Days later, she told officials that he never threatened her and that she had only called police because she was mad that he had moved out.

On Oct. 16, 2002, Rapalo was arrested on a charge of lewd and lascivious molestation when his landlord accused him of fondling her daughter's breast. Rapalo denied the allegations but moved out of the room he had been renting from the girl's mother.

According to files made public on Monday by the Miami-Dade State Attorney's Office, prosecutors again dropped the charge against Rapalo because the victims in the case did not cooperate.

Records show officials sent notices asking the family to speak with prosecutors on three occasions: once, in a letter dated Oct. 18, and two times later through subpoenas.

With no victim to share her testimony and because of the lack of physical evidence in the case, prosecutors dropped the charge against Rapalo, said Ed Griffith, spokesman for the Miami-Dade State Attorney's Office.

"It's not an unusual circumstance to have," he said. "We spend a lot of money, energy and staff power to get witnesses to come in because they're the key."

But the girl's mother had a different story.
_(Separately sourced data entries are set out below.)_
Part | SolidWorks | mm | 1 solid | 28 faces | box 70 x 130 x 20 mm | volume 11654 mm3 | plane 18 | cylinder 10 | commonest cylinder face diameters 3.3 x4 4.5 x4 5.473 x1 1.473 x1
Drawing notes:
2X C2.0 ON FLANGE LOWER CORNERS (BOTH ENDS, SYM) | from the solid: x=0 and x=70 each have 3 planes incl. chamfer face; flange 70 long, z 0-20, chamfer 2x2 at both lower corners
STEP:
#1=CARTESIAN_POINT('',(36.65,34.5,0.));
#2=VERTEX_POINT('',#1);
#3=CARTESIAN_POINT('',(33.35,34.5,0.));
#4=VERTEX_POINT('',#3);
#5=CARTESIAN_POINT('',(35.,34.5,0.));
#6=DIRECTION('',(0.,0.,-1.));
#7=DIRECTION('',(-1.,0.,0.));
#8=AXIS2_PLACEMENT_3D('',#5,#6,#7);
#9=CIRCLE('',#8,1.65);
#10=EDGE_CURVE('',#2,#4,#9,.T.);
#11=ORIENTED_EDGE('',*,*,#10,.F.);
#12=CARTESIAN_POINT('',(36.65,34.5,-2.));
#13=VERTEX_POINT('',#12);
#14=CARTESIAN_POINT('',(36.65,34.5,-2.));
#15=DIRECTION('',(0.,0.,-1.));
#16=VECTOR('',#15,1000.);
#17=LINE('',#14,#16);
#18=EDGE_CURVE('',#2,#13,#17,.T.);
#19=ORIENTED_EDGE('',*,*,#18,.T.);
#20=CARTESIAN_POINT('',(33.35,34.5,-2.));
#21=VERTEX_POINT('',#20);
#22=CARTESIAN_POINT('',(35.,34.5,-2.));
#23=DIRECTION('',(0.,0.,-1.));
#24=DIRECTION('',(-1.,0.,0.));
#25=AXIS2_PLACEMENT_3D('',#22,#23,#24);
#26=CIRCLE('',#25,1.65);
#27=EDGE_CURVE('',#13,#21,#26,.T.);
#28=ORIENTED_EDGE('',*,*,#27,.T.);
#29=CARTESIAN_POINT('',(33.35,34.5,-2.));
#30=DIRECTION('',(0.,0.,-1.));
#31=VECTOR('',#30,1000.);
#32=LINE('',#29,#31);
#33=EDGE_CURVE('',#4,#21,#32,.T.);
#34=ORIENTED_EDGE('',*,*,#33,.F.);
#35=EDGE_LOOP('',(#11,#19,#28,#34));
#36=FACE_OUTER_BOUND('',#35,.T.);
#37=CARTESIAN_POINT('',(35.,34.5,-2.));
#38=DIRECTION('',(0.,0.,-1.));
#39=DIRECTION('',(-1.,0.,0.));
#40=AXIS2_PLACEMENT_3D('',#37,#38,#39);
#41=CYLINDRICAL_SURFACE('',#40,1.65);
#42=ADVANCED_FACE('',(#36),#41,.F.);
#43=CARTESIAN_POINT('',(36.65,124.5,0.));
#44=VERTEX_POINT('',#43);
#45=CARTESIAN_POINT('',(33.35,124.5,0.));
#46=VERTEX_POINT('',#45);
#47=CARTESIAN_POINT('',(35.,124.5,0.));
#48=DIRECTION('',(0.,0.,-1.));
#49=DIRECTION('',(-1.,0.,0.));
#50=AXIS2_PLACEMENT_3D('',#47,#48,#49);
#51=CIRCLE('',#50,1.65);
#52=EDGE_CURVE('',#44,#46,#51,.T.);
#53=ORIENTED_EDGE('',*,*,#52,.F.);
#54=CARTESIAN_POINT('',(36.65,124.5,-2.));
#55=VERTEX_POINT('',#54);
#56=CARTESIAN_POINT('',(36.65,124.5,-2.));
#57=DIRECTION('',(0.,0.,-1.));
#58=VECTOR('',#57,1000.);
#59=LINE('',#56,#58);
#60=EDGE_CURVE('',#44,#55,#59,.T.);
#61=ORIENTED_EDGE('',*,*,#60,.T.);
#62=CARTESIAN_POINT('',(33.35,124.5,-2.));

On Monday, she denied ever receiving any notice that prosecutors wished to speak with her.

She said her daughter's testimony surely would have saved his other victims.

"This could've been avoided," she said. "How could my daughter lie about something like that?"

She said her daughter still wakes up sobbing in the middle of the night because of what Rapalo did to her.

"This man needs to die in that jail," said the mother, who recounted how she had at first been reluctant to allow him to live in her apartment but changed her mind when he told her he was a Christian.

"He insisted he was a man of God," she said. "I never knew this man could be so evil."

A native of Honduras, Rapalo legally entered the United States three years ago but overstayed his visa, according to immigration officials.

Police would not have known this because they do not routinely check immigration status when they make an arrest.

"We're not immigration," police spokeswoman Herminia Salas Jacobson said.

While Rapalo was in jail after one of his arrests, an official with the Miami-Dade County jail did look into his immigration status, said Barbara Gonzalez, spokeswoman for the Bureau of Immigration and Customs Enforcement.

The check would have indicated that Rapalo had not left the country as required. But immigration officials did not pursue Rapalo then because their policy at the time was to focus on criminals and absconders, Gonzalez said.

"Mr. Rapalo did not fall into those categories at the time," she said. Jose Lagos, president of the non-profit group Honduran Unity, said Rapalo went undetected because people in the community were looking for a man based on a series of police sketches that looked nothing like the serial rapist.

"If he would have come to our office, honestly, we would never have detected it was him," he said.

Staff Writer Tanya Weinberg contributed to this report.